Schwarzwa.biker schrieb:


> @scooter-werner:
> Darf ich neugierhalber mal fragen wie oft du die 90er schon gefahren bist ?



War bisher 6 mal in Furtwangen am Start und jedes Mal auf der 90er Runde - hab einfach keine Lust für die 120er 2 Stunden früher aufzustehen  

Letztes Jahr hatte ich nach ca. 50km nen kapitalen Hinterradschaden mit Platten und anschließendem 8er im Chipsletten-Format und hoffe dieses Jahr auf pannenloses Durchkommen.


----------



## maxmistral (25. August 2010)

scooter_werner schrieb:


> War bisher 6 mal in Furtwangen am Start und jedes Mal auf der 90er Runde - hab einfach keine Lust für die 120er 2 Stunden früher aufzustehen



Der spätere Start ist ein echtes Argument für die 90er Strecke. Die 120er ist eine Schleife mehr mit einigen ultrasteilen Forststraßenanstiegen, früher kamen die zuletzt, jetzt sind die gleich am Anfang.


----------



## Schwarzwa.biker (25. August 2010)

Hi Scooter-Werner



scooter_werner schrieb:


> War bisher 6 mal in Furtwangen am Start und jedes Mal auf der 90er Runde - hab einfach keine Lust für die 120er 2 Stunden früher aufzustehen



Ui 6 mal ist oft.
Ja, das kann ich gut verstehen. Ist schon herb - selbst ich der nur 50 Km entfernt wohnt müßte dafür ca. um 4 Uhr aufstehen eher 3:30 Uhr. 
Daher bin ich auch noch nie den 120er gefahren. Bin bisher 4 mal in Furtwangen gestartet 2004/05/06 und 07. 
Den 90er 1 mal den 60er auch 1 mal. Den 43er 2 mal. 
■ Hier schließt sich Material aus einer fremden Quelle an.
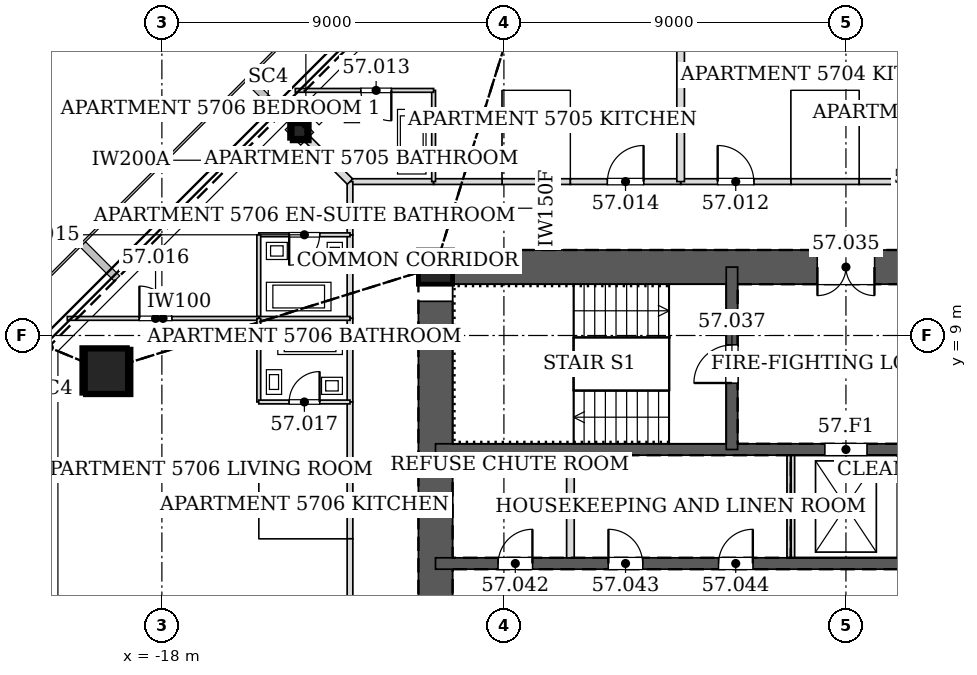
"""IFC4 building model, lengths in metres.
Left out: names, types, materials, properties, quantities, classifications, styles, units other than length and angle.
Written with IfcOpenShell. Run it as: python <this file> out.ifc"""

import sys

from ifc_helpers import new_model, si_unit, direction, frame, frame_2d, origin, origin_2d, place, context, subcontext, project, spatial, rectangle, hollow_rectangle, extrude, element, fill, save


model = new_model("IFC4")
c1 = context("Model", 3, precision=1e-05, world=origin(), true_north=direction((0.0, 1.0)))
c2 = subcontext(c1, "Body", "Model", "MODEL_VIEW")
j1 = project(units=[si_unit("LENGTHUNIT", "METRE"), si_unit("PLANEANGLEUNIT", "RADIAN")], contexts=[c1])
p1 = place(None, origin())
s1 = spatial("IfcSite", under=j1, at=p1, CompositionType="ELEMENT")
p2 = place(p1, origin())
s2 = spatial("IfcBuilding", under=s1, at=p2, CompositionType="ELEMENT")
p3 = place(p2, frame((0.0, 0.0, 241.4)))
s3 = spatial("IfcBuildingStorey", under=s2, at=p3, CompositionType="ELEMENT", Elevation=241.4)
p4 = place(p3, frame((-19.508, 8.08, 0.0), z_axis=(0.028277121884, -0.011698403216, 0.999531666202), x_axis=(0.382282742426, 0.924045401938, 0.0)))
e1 = element("IfcColumn", 1, at=p4, inside=s3, PredefinedType="COLUMN", context=c2, shape_type="SweptSolid", body=[
    extrude(hollow_rectangle(XDim=1.2, YDim=1.2, WallThickness=0.055, at=origin_2d()), origin(), (0.0, 0.0, 1.0), 3.402),
])
p5 = place(p3, frame((-14.415, 14.415, 0.0), z_axis=(0.020024994503, -0.020024994503, 0.999598919162), x_axis=(0.707106781187, 0.707106781187, 0.0)))
e2 = element("IfcColumn", 2, at=p5, inside=s3, PredefinedType="COLUMN", context=c2, shape_type="SweptSolid", body=[
    extrude(hollow_rectangle(XDim=0.45, YDim=0.45, WallThickness=0.02, at=origin_2d()), origin(), (0.0, 0.0, 1.0), 3.402),
])
p6 = place(p3, frame((-10.8, 10.8, 0.0), z_axis=(0.0, 0.0, 1.0), x_axis=(1.0, 0.0, 0.0)))
e3 = element("IfcColumn", 3, at=p6, inside=s3, PredefinedType="COLUMN", context=c2, shape_type="SweptSolid", body=[
    extrude(hollow_rectangle(XDim=0.9, YDim=0.9, WallThickness=0.04, at=origin_2d()), origin(), (0.0, 0.0, 1.0), 3.4),
])
p7 = place(p3, frame((10.8, 10.8, 0.0), z_axis=(0.0, 0.0, 1.0), x_axis=(-1.0, 0.0, 0.0)))
e4 = element("IfcWall", 4, at=p7, inside=s3, PredefinedType="SOLIDWALL", context=c2, shape_type="SweptSolid", body=[
    extrude(rectangle(XDim=21.6, YDim=0.9, at=frame_2d((10.8, 0.0))), origin(), (0.0, 0.0, 1.0), 3.4),
])
p8 = place(p7, frame((10.05, 0.0, 0.0)))
e5 = element("IfcOpeningElement", 5, at=p8, cuts=e4, PredefinedType="OPENING", context=c2, shape_type="SweptSolid", body=[
    extrude(rectangle(XDim=1.5, YDim=2.1, at=frame_2d((0.75, 1.05))), frame((0.0, 0.46, 0.0), z_axis=(0.0, -1.0, 0.0), x_axis=(1.0, 0.0, 0.0)), (0.0, 0.0, 1.0), 0.92),
])
p9 = place(p3, frame((-10.8, 10.8, 0.0), z_axis=(0.0, 0.0, 1.0), x_axis=(0.0, -1.0, 0.0)))
e6 = element("IfcWall", 6, at=p9, inside=s3, PredefinedType="SOLIDWALL", context=c2, shape_type="SweptSolid", body=[
    extrude(rectangle(XDim=21.6, YDim=0.9, at=frame_2d((10.8, 0.0))), origin(), (0.0, 0.0, 1.0), 3.4),
])
p10 = place(p9, frame((8.7, 0.0, 0.0)))
e7 = element("IfcOpeningElement", 7, at=p10, cuts=e6, PredefinedType="OPENING", context=c2, shape_type="SweptSolid", body=[
    extrude(rectangle(XDim=1.2, YDim=2.1, at=frame_2d((0.6, 1.05))), frame((0.0, 0.46, 0.0), z_axis=(0.0, -1.0, 0.0), x_axis=(1.0, 0.0, 0.0)), (0.0, 0.0, 1.0), 0.92),
])
p11 = place(p9, frame((11.7, 0.0, 0.0)))
e8 = element("IfcOpeningElement", 8, at=p11, cuts=e6, PredefinedType="OPENING", context=c2, shape_type="SweptSolid", body=[
    extrude(rectangle(XDim=1.2, YDim=2.1, at=frame_2d((0.6, 1.05))), frame((0.0, 0.46, 0.0), z_axis=(0.0, -1.0, 0.0), x_axis=(1.0, 0.0, 0.0)), (0.0, 0.0, 1.0), 0.92),
])
p12 = place(p3, frame((-10.8, 3.0, 0.0), z_axis=(0.0, 0.0, 1.0), x_axis=(1.0, 0.0, 0.0)))
e9 = element("IfcWall", 9, at=p12, inside=s3, PredefinedType="SOLIDWALL", context=c2, shape_type="SweptSolid", body=[
    extrude(rectangle(XDim=21.6, YDim=0.3, at=frame_2d((10.8, 0.0))), origin(), (0.0, 0.0, 1.0), 3.4),
])
p13 = place(p12, frame((1.65, 0.0, 0.0)))
e10 = element("IfcOpeningElement", 10, at=p13, cuts=e9, PredefinedType="OPENING", context=c2, shape_type="SweptSolid", body=[
    extrude(rectangle(XDim=0.9, YDim=2.1, at=frame_2d((0.45, 1.05))), frame((0.0, 0.16, 0.0), z_axis=(0.0, -1.0, 0.0), x_axis=(1.0, 0.0, 0.0)), (0.0, 0.0, 1.0), 0.32),
])
p14 = place(p12, frame((4.55, 0.0, 0.0)))
e11 = element("IfcOpeningElement", 11, at=p14, cuts=e9, PredefinedType="OPENING", context=c2, shape_type="SweptSolid", body=[
    extrude(rectangle(XDim=0.9, YDim=2.1, at=frame_2d((0.45, 1.05))), frame((0.0, 0.16, 0.0), z_axis=(0.0, -1.0, 0.0), x_axis=(1.0, 0.0, 0.0)), (0.0, 0.0, 1.0), 0.32),
])
p15 = place(p12, frame((7.45, 0.0, 0.0)))
e12 = element("IfcOpeningElement", 12, at=p15, cuts=e9, PredefinedType="OPENING", context=c2, shape_type="SweptSolid", body=[
    extrude(rectangle(XDim=0.9, YDim=2.1, at=frame_2d((0.45, 1.05))), frame((0.0, 0.16, 0.0), z_axis=(0.0, -1.0, 0.0), x_axis=(1.0, 0.0, 0.0)), (0.0, 0.0, 1.0), 0.32),
])
p16 = place(p12, frame((13.25, 0.0, 0.0)))
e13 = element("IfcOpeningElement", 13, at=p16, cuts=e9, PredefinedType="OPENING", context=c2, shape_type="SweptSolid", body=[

> Letztes Jahr hatte ich nach ca. 50km nen kapitalen Hinterradschaden mit Platten und anschließendem 8er im Chipsletten-Format und hoffe dieses Jahr auf pannenloses Durchkommen.



Oje das ist ärgerlich.  
Mir hats 2007 bei der 43er am Anfang vom ebenen ehemaligen Bahndamm rund 4 Km vorm Ziel den Freilauf geschrottet sodass ich laufen mußte. Dabei hab ich daher, dass ich fast nie jogge und da net geübt bin kapital Zeit verloren.  
Schade denn vorher liefs echt super bei mir - war halt großes Pech. 

2008 konnte ich leider nicht mitfahren wg. Krankheit und 2009 war ich grade im Urlaub.  

Grüße 
Schwarzwaldbiker


----------



## Schwarzwa.biker (25. August 2010)

maxmistral schrieb:


> Der spätere Start ist ein echtes Argument für die 90er Strecke. Die 120er ist eine Schleife mehr mit einigen ultrasteilen Forststraßenanstiegen, früher kamen die zuletzt, jetzt sind die gleich am Anfang.



Hi maxmistral

Könntest du mir recht relativ genau beschreiben wo die 30 Km Zusatz-Schleife der 120er genau rumgeht ?  Wär echt supernett denn die wollte ich sehr gern mal bei einer Tour abfahren. 


Gehts dort auch auf dem Bergkamm zw. Urachtal und Linachtal drüber ?
Und auch bei Roturach rum oder woanders ?

Weißt grade sehr steile Rampen auf Schotter oder auch auf Trails von 15 bis 20, teils auch 25% Steigung fahr ich nämlich ab und zu gern als spezielles Krafttraining.  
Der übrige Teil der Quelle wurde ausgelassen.